Lecture Schedule, Fall 2013

[Sep 4: Lecture 1]
Introduction and overview. Private-key cryptography. The syntax of private-key encryption. The shift cipher.
Reading: Sections 1.1, 1.2, and 1.3 (through page 11).
[Sep 6]
Class cancelled due to Rosh Hashanah.
[Sep 9: Lecture 2]
Some historical encryption schemes and their cryptanalysis.
Reading: Section 1.3.
[Sep 11: Lecture 3]
More historical encryption schemes and their cryptanalysis. Modern cryptography.
Reading: Sections 1.3 and 1.4.
[Sep 13: Lecture 4]
Modern cryptography: definitions, assumptions, and proofs. Defining perfectly secret encryption.
Reading: Sections 1.2, 1.4, and 2.1.
[Sep 16: Lecture 5]
Perfect secrecy and the one-time pad. Limitations of perfect secrecy. Toward a computational notion of secrecy.
Reading: Sections 2.2 and 2.3.
[Sep 18: Lecture 6]
HW1 review. A computational notion of secrecy.
Reading: Sections 3.1.1, 3.1.2, and 3.2.1. (See also the same sections in the second edition.)
[Sep 20: Lecture 7] (TA lecture)
Computational notions of security.
Reading: Sections 3.1.1, 3.1.2, and 3.2.1. (See also the same sections in the second edition.)
[Sep 23: Lecture 8]
A computational notion of security. Pseudorandom generators.
Reading: Sections 3.2.1 and 3.3 in the first edition. (See also Sections 3.2.1 and 3.3.1 in the second edition.)
[Sep 25: Lecture 9]
Pseudorandom generators and stream ciphers. Non-trivial encryption from any pseudorandom generator.
Reading: Sections 3.1.3, 3.3, and 3.4.1 in the first edition. (Section 3.1.3 plus all of Section 3.3 in the second edition, though we did not yet talk about stream ciphers.)
[Sep 27: Lecture 10] (TA lecture)
Stronger notions of security for encryption.
Reading:Sections 3.4.3 and 3.5 in the first edition. (Section 3.4 in the second edition.)
[Sep 30: Lecture 11]
CPA-security; impossibility of CPA-security for deterministic encryption schemes.

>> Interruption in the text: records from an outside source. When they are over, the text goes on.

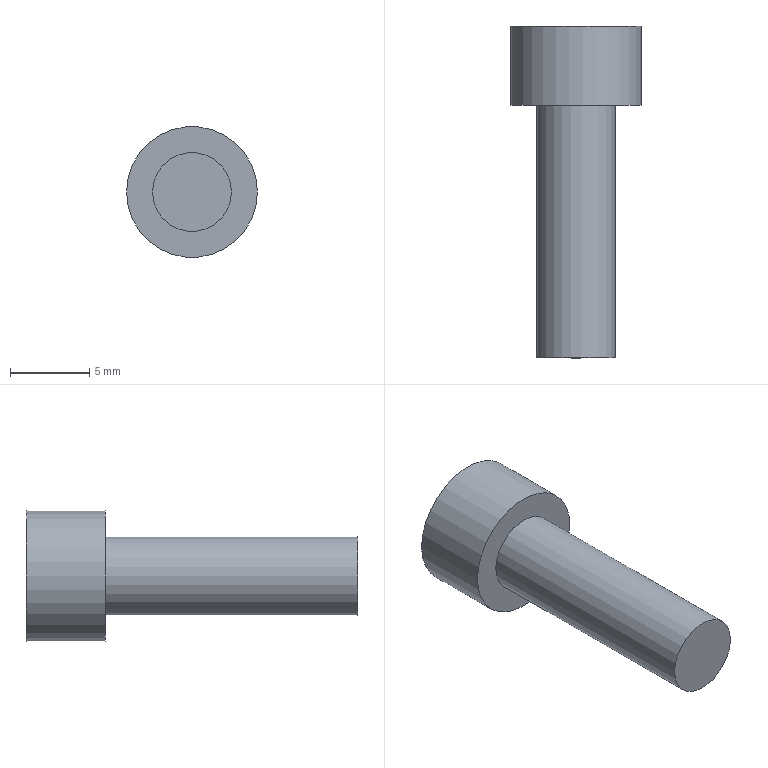Component | NX | HEX_SCREW_M5_16 | 1 solid | 12 faces | box 8.28 x 21 x 8.28 mm | volume 549 mm3 | plane 10 | cylinder 2 | commonest cylinder face diameters 8.28 x1 5 x1
STEP:
#1=CARTESIAN_POINT('',(0.,0.,0.));
#2=DIRECTION('',(0.,0.,1.));
#3=DIRECTION('',(1.,0.,0.));
#4=AXIS2_PLACEMENT_3D('',#1,#2,#3);
#5=CARTESIAN_POINT('',(26.14,-6.7,44.));
#6=VERTEX_POINT('',#5);
#7=CARTESIAN_POINT('',(22.,-6.7,44.));
#8=DIRECTION('',(0.,1.,0.));
#9=DIRECTION('',(1.,0.,0.));
#10=AXIS2_PLACEMENT_3D('',#7,#8,#9);
#11=CIRCLE('',#10,4.14);
#12=CARTESIAN_POINT('',(22.,-6.7,44.));
#13=DIRECTION('',(0.,1.,0.));
#14=DIRECTION('',(-1.,0.,0.));
#15=AXIS2_PLACEMENT_3D('',#12,#13,#14);
#16=PLANE('',#15);
#17=CARTESIAN_POINT('',(0.,0.));
#18=DIRECTION('',(-1.,0.));
#19=AXIS2_PLACEMENT_2D('',#17,#18);
#20=CIRCLE('',#19,4.14);
#21=(GEOMETRIC_REPRESENTATION_CONTEXT(2)PARAMETRIC_REPRESENTATION_CONTEXT()REPRESENTATION_CONTEXT('',''));
#22=DEFINITIONAL_REPRESENTATION('',(#20),#21);
#23=PCURVE('',#16,#22);
#24=CARTESIAN_POINT('',(22.,-11.7,44.));
#25=DIRECTION('',(0.,1.,0.));
#26=DIRECTION('',(-1.,0.,0.));
#27=AXIS2_PLACEMENT_3D('',#24,#25,#26);
#28=CYLINDRICAL_SURFACE('',#27,4.14);
#29=CARTESIAN_POINT('',(3.142,5.));
#30=DIRECTION('',(1.,0.));
#31=VECTOR('',#30,1.);
#32=LINE('',#29,#31);
#33=(GEOMETRIC_REPRESENTATION_CONTEXT(2)PARAMETRIC_REPRESENTATION_CONTEXT()REPRESENTATION_CONTEXT('',''));
#34=DEFINITIONAL_REPRESENTATION('',(#32),#33);
#35=PCURVE('',#28,#34);
#36=SURFACE_CURVE('',#11,(#23,#35),.PCURVE_S1.);
#37=EDGE_CURVE('',#6,#6,#36,.T.);
#38=ORIENTED_EDGE('',*,*,#37,.T.);
#39=EDGE_LOOP('',(#38));
#40=FACE_BOUND('',#39,.T.);
#41=CARTESIAN_POINT('',(22.,-6.7,41.691));
#42=VERTEX_POINT('',#41);
#43=CARTESIAN_POINT('',(24.,-6.7,42.845));
#44=VERTEX_POINT('',#43);
#45=CARTESIAN_POINT('',(22.,-6.7,41.691));
#46=DIRECTION('',(0.866,0.,0.5));
#47=VECTOR('',#46,1.);
#48=LINE('',#45,#47);
#49=CARTESIAN_POINT('',(0.,-2.309));
#50=DIRECTION('',(-0.866,0.5));
#51=VECTOR('',#50,1.);
#52=LINE('',#49,#51);
#53=(GEOMETRIC_REPRESENTATION_CONTEXT(2)PARAMETRIC_REPRESENTATION_CONTEXT()REPRESENTATION_CONTEXT('',''));
#54=DEFINITIONAL_REPRESENTATION('',(#52),#53);
#55=PCURVE('',#16,#54);
#56=CARTESIAN_POINT('',(22.,-9.2,41.691));
#57=DIRECTION('',(-0.5,0.,0.866));
#58=DIRECTION('',(-0.866,0.,-0.5));
#59=AXIS2_PLACEMENT_3D('',#56,#57,#58);
#60=PLANE('',#59);
#61=CARTESIAN_POINT('',(0.,-2.5));
#62=DIRECTION('',(-1.,0.));
#63=VECTOR('',#62,1.);
#64=LINE('',#61,#63);
#65=(GEOMETRIC_REPRESENTATION_CONTEXT(2)PARAMETRIC_REPRESENTATION_CONTEXT()REPRESENTATION_CONTEXT('',''));
#66=DEFINITIONAL_REPRESENTATION('',(#64),#65);
#67=PCURVE('',#60,#66);
#68=SURFACE_CURVE('',#48,(#55,#67),.PCURVE_S1.);
#69=EDGE_CURVE('',#42,#44,#68,.T.);
#70=ORIENTED_EDGE('',*,*,#69,.T.);
#71=CARTESIAN_POINT('',(24.,-6.7,45.155));
#72=VERTEX_POINT('',#71);
#73=CARTESIAN_POINT('',(24.,-6.7,42.845));
#74=DIRECTION('',(0.,0.,1.));
#75=VECTOR('',#74,1.);
#76=LINE('',#73,#75);
#77=CARTESIAN_POINT('',(-2.,-1.155));
#78=DIRECTION('',(0.,1.));
#79=VECTOR('',#78,1.);
#80=LINE('',#77,#79);
#81=(GEOMETRIC_REPRESENTATION_CONTEXT(2)PARAMETRIC_REPRESENTATION_CONTEXT()REPRESENTATION_CONTEXT('',''));
#82=DEFINITIONAL_REPRESENTATION('',(#80),#81);
#83=PCURVE('',#16,#82);
#84=CARTESIAN_POINT('',(24.,-9.2,42.845));
#85=DIRECTION('',(-1.,0.,0.));
#86=DIRECTION('',(0.,-1.,0.));
#87=AXIS2_PLACEMENT_3D('',#84,#85,#86);
#88=PLANE('',#87);
#89=CARTESIAN_POINT('',(-2.5,0.));
#90=DIRECTION('',(0.,1.));
#91=VECTOR('',#90,1.);
#92=LINE('',#89,#91);
#93=(GEOMETRIC_REPRESENTATION_CONTEXT(2)PARAMETRIC_REPRESENTATION_CONTEXT()REPRESENTATION_CONTEXT('',''));
#94=DEFINITIONAL_REPRESENTATION('',(#92),#93);
#95=PCURVE('',#88,#94);
#96=SURFACE_CURVE('',#76,(#83,#95),.PCURVE_S1.);
#97=EDGE_CURVE('',#44,#72,#96,.T.);
#98=ORIENTED_EDGE('',*,*,#97,.T.);
#99=CARTESIAN_POINT('',(22.,-6.7,46.309));
#100=VERTEX_POINT('',#99);
#101=CARTESIAN_POINT('',(24.,-6.7,45.155));
#102=DIRECTION('',(-0.866,0.,0.5));
#103=VECTOR('',#102,1.);
#104=LINE('',#101,#103);
#105=CARTESIAN_POINT('',(-2.,1.155));
#106=DIRECTION('',(0.866,0.5));
#107=VECTOR('',#106,1.);
#108=LINE('',#105,#107);
#109=(GEOMETRIC_REPRESENTATION_CONTEXT(2)PARAMETRIC_REPRESENTATION_CONTEXT()REPRESENTATION_CONTEXT('',''));
#110=DEFINITIONAL_REPRESENTATION('',(#108),#109);
#111=PCURVE('',#16,#110);
#112=CARTESIAN_POINT('',(24.,-9.2,45.155));
#113=DIRECTION('',(-0.5,0.,-0.866));
#114=DIRECTION('',(0.866,0.,-0.5));
#115=AXIS2_PLACEMENT_3D('',#112,#113,#114);
#116=PLANE('',#115);
#117=CARTESIAN_POINT('',(0.,-2.5));
#118=DIRECTION('',(-1.,0.));
#119=VECTOR('',#118,1.);
#120=LINE('',#117,#119);
#121=(GEOMETRIC_REPRESENTATION_CONTEXT(2)PARAMETRIC_REPRESENTATION_CONTEXT()REPRESENTATION_CONTEXT('',''));
#122=DEFINITIONAL_REPRESENTATION('',(#120),#121);
#123=PCURVE('',#116,#122);
#124=SURFACE_CURVE('',#104,(#111,#123),.PCURVE_S1.);
#125=EDGE_CURVE('',#72,#100,#124,.T.);
#126=ORIENTED_EDGE('',*,*,#125,.T.);
#127=CARTESIAN_POINT('',(20.,-6.7,45.155));
#128=VERTEX_POINT('',#127);
#129=CARTESIAN_POINT('',(22.,-6.7,46.309));
#130=DIRECTION('',(-0.866,0.,-0.5));
#131=VECTOR('',#130,1.);
#132=LINE('',#129,#131);
#133=CARTESIAN_POINT('',(0.,2.309));
#134=DIRECTION('',(0.866,-0.5));
#135=VECTOR('',#134,1.);
#136=LINE('',#133,#135);
#137=(GEOMETRIC_REPRESENTATION_CONTEXT(2)PARAMETRIC_REPRESENTATION_CONTEXT()REPRESENTATION_CONTEXT('',''));
#138=DEFINITIONAL_REPRESENTATION('',(#136),#137);
#139=PCURVE('',#16,#138);
#140=CARTESIAN_POINT('',(22.,-9.2,46.309));
#141=DIRECTION('',(0.5,0.,-0.866));
#142=DIRECTION('',(0.866,0.,0.5));
#143=AXIS2_PLACEMENT_3D('',#140,#141,#142);
#144=PLANE('',#143);
#145=CARTESIAN_POINT('',(0.,-2.5));
#146=DIRECTION('',(-1.,0.));
#147=VECTOR('',#146,1.);
#148=LINE('',#145,#147);
#149=(GEOMETRIC_REPRESENTATION_CONTEXT(2)PARAMETRIC_REPRESENTATION_CONTEXT()REPRESENTATION_CONTEXT('',''));
#150=DEFINITIONAL_REPRESENTATION('',(#148),#149);
#151=PCURVE('',#144,#150);
#152=SURFACE_CURVE('',#132,(#139,#151),.PCURVE_S1.);
#153=EDGE_CURVE('',#100,#128,#152,.T.);
#154=ORIENTED_EDGE('',*,*,#153,.T.);
#155=CARTESIAN_POINT('',(20.,-6.7,42.845));
#156=VERTEX_POINT('',#155);
#157=CARTESIAN_POINT('',(20.,-6.7,45.155));
#158=DIRECTION('',(0.,0.,-1.));
#159=VECTOR('',#158,1.);
#160=LINE('',#157,#159);
#161=CARTESIAN_POINT('',(2.,1.155));
#162=DIRECTION('',(0.,-1.));
#163=VECTOR('',#162,1.);
#164=LINE('',#161,#163);
#165=(GEOMETRIC_REPRESENTATION_CONTEXT(2)PARAMETRIC_REPRESENTATION_CONTEXT()REPRESENTATION_CONTEXT('',''));
#166=DEFINITIONAL_REPRESENTATION('',(#164),#165);
#167=PCURVE('',#16,#166);
#168=CARTESIAN_POINT('',(20.,-9.2,45.155));
#169=DIRECTION('',(1.,0.,0.));
#170=DIRECTION('',(0.,1.,0.));
#171=AXIS2_PLACEMENT_3D('',#168,#169,#170);
#172=PLANE('',#171);
#173=CARTESIAN_POINT('',(2.5,0.));
#174=DIRECTION('',(0.,-1.));
#175=VECTOR('',#174,1.);
#176=LINE('',#173,#175);
#177=(GEOMETRIC_REPRESENTATION_CONTEXT(2)PARAMETRIC_REPRESENTATION_CONTEXT()REPRESENTATION_CONTEXT('',''));
#178=DEFINITIONAL_REPRESENTATION('',(#176),#177);
#179=PCURVE('',#172,#178);
#180=SURFACE_CURVE('',#160,(#167,#179),.PCURVE_S1.);
#181=EDGE_CURVE('',#128,#156,#180,.T.);
#182=ORIENTED_EDGE('',*,*,#181,.T.);
#183=CARTESIAN_POINT('',(20.,-6.7,42.845));
#184=DIRECTION('',(0.866,0.,-0.5));
#185=VECTOR('',#184,1.);
#186=LINE('',#183,#185);
#187=CARTESIAN_POINT('',(2.,-1.155));
#188=DIRECTION('',(-0.866,-0.5));
#189=VECTOR('',#188,1.);
#190=LINE('',#187,#189);
#191=(GEOMETRIC_REPRESENTATION_CONTEXT(2)PARAMETRIC_REPRESENTATION_CONTEXT()REPRESENTATION_CONTEXT('',''));
#192=DEFINITIONAL_REPRESENTATION('',(#190),#191);
#193=PCURVE('',#16,#192);
#194=CARTESIAN_POINT('',(20.,-9.2,42.845));
#195=DIRECTION('',(0.5,0.,0.866));
#196=DIRECTION('',(-0.866,0.,0.5));
#197=AXIS2_PLACEMENT_3D('',#194,#195,#196);
#198=PLANE('',#197);
#199=CARTESIAN_POINT('',(0.,-2.5));
#200=DIRECTION('',(-1.,0.));
#201=VECTOR('',#200,1.);
#202=LINE('',#199,#201);
#203=(GEOMETRIC_REPRESENTATION_CONTEXT(2)PARAMETRIC_REPRESENTATION_CONTEXT()REPRESENTATION_CONTEXT('',''));
#204=DEFINITIONAL_REPRESENTATION('',(#202),#203);
#205=PCURVE('',#198,#204);
#206=SURFACE_CURVE('',#186,(#193,#205),.PCURVE_S1.);
#207=EDGE_CURVE('',#156,#42,#206,.T.);
#208=ORIENTED_EDGE('',*,*,#207,.T.);
#209=EDGE_LOOP('',(#70,#98,#126,#154,#182,#208));
#210=FACE_BOUND('',#209,.T.);
#211=ADVANCED_FACE('',(#40,#210),#16,.T.);
#212=CARTESIAN_POINT('',(26.14,-11.7,44.));
#213=VERTEX_POINT('',#212);
#214=CARTESIAN_POINT('',(22.,-11.7,44.));
#215=DIRECTION('',(0.,1.,0.));
#216=DIRECTION('',(1.,0.,0.));
#217=AXIS2_PLACEMENT_3D('',#214,#215,#216);
#218=CIRCLE('',#217,4.14);
#219=CARTESIAN_POINT('',(3.142,0.));
#220=DIRECTION('',(1.,0.));
#221=VECTOR('',#220,1.);
#222=LINE('',#219,#221);
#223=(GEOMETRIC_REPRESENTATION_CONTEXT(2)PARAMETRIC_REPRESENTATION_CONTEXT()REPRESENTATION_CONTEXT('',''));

Pseudorandom functions.
Reading: Sections 3.5 and 3.6.1 in the first edition. (Sections 3.4 and 3.5.1 in the second edition.)
[Oct 2: Lecture 12]
Pseudorandom functions: definitions and (counter-)examples.
Reading: Section 3.6.1 in the first edition. (Section 3.5.1 in the second edition.)
[Oct 4: Lecture 13]
Pseudorandom permutations and block ciphers. CPA-security from pseudorandom functions.
Reading: Sections 3.6.2 and 3.6.3 in the first edition. (Sections 3.5.1 and 3.5.2 in the second edition.)
[Oct 7: Lecture 14]
Proving CPA-security. Modes of encryption.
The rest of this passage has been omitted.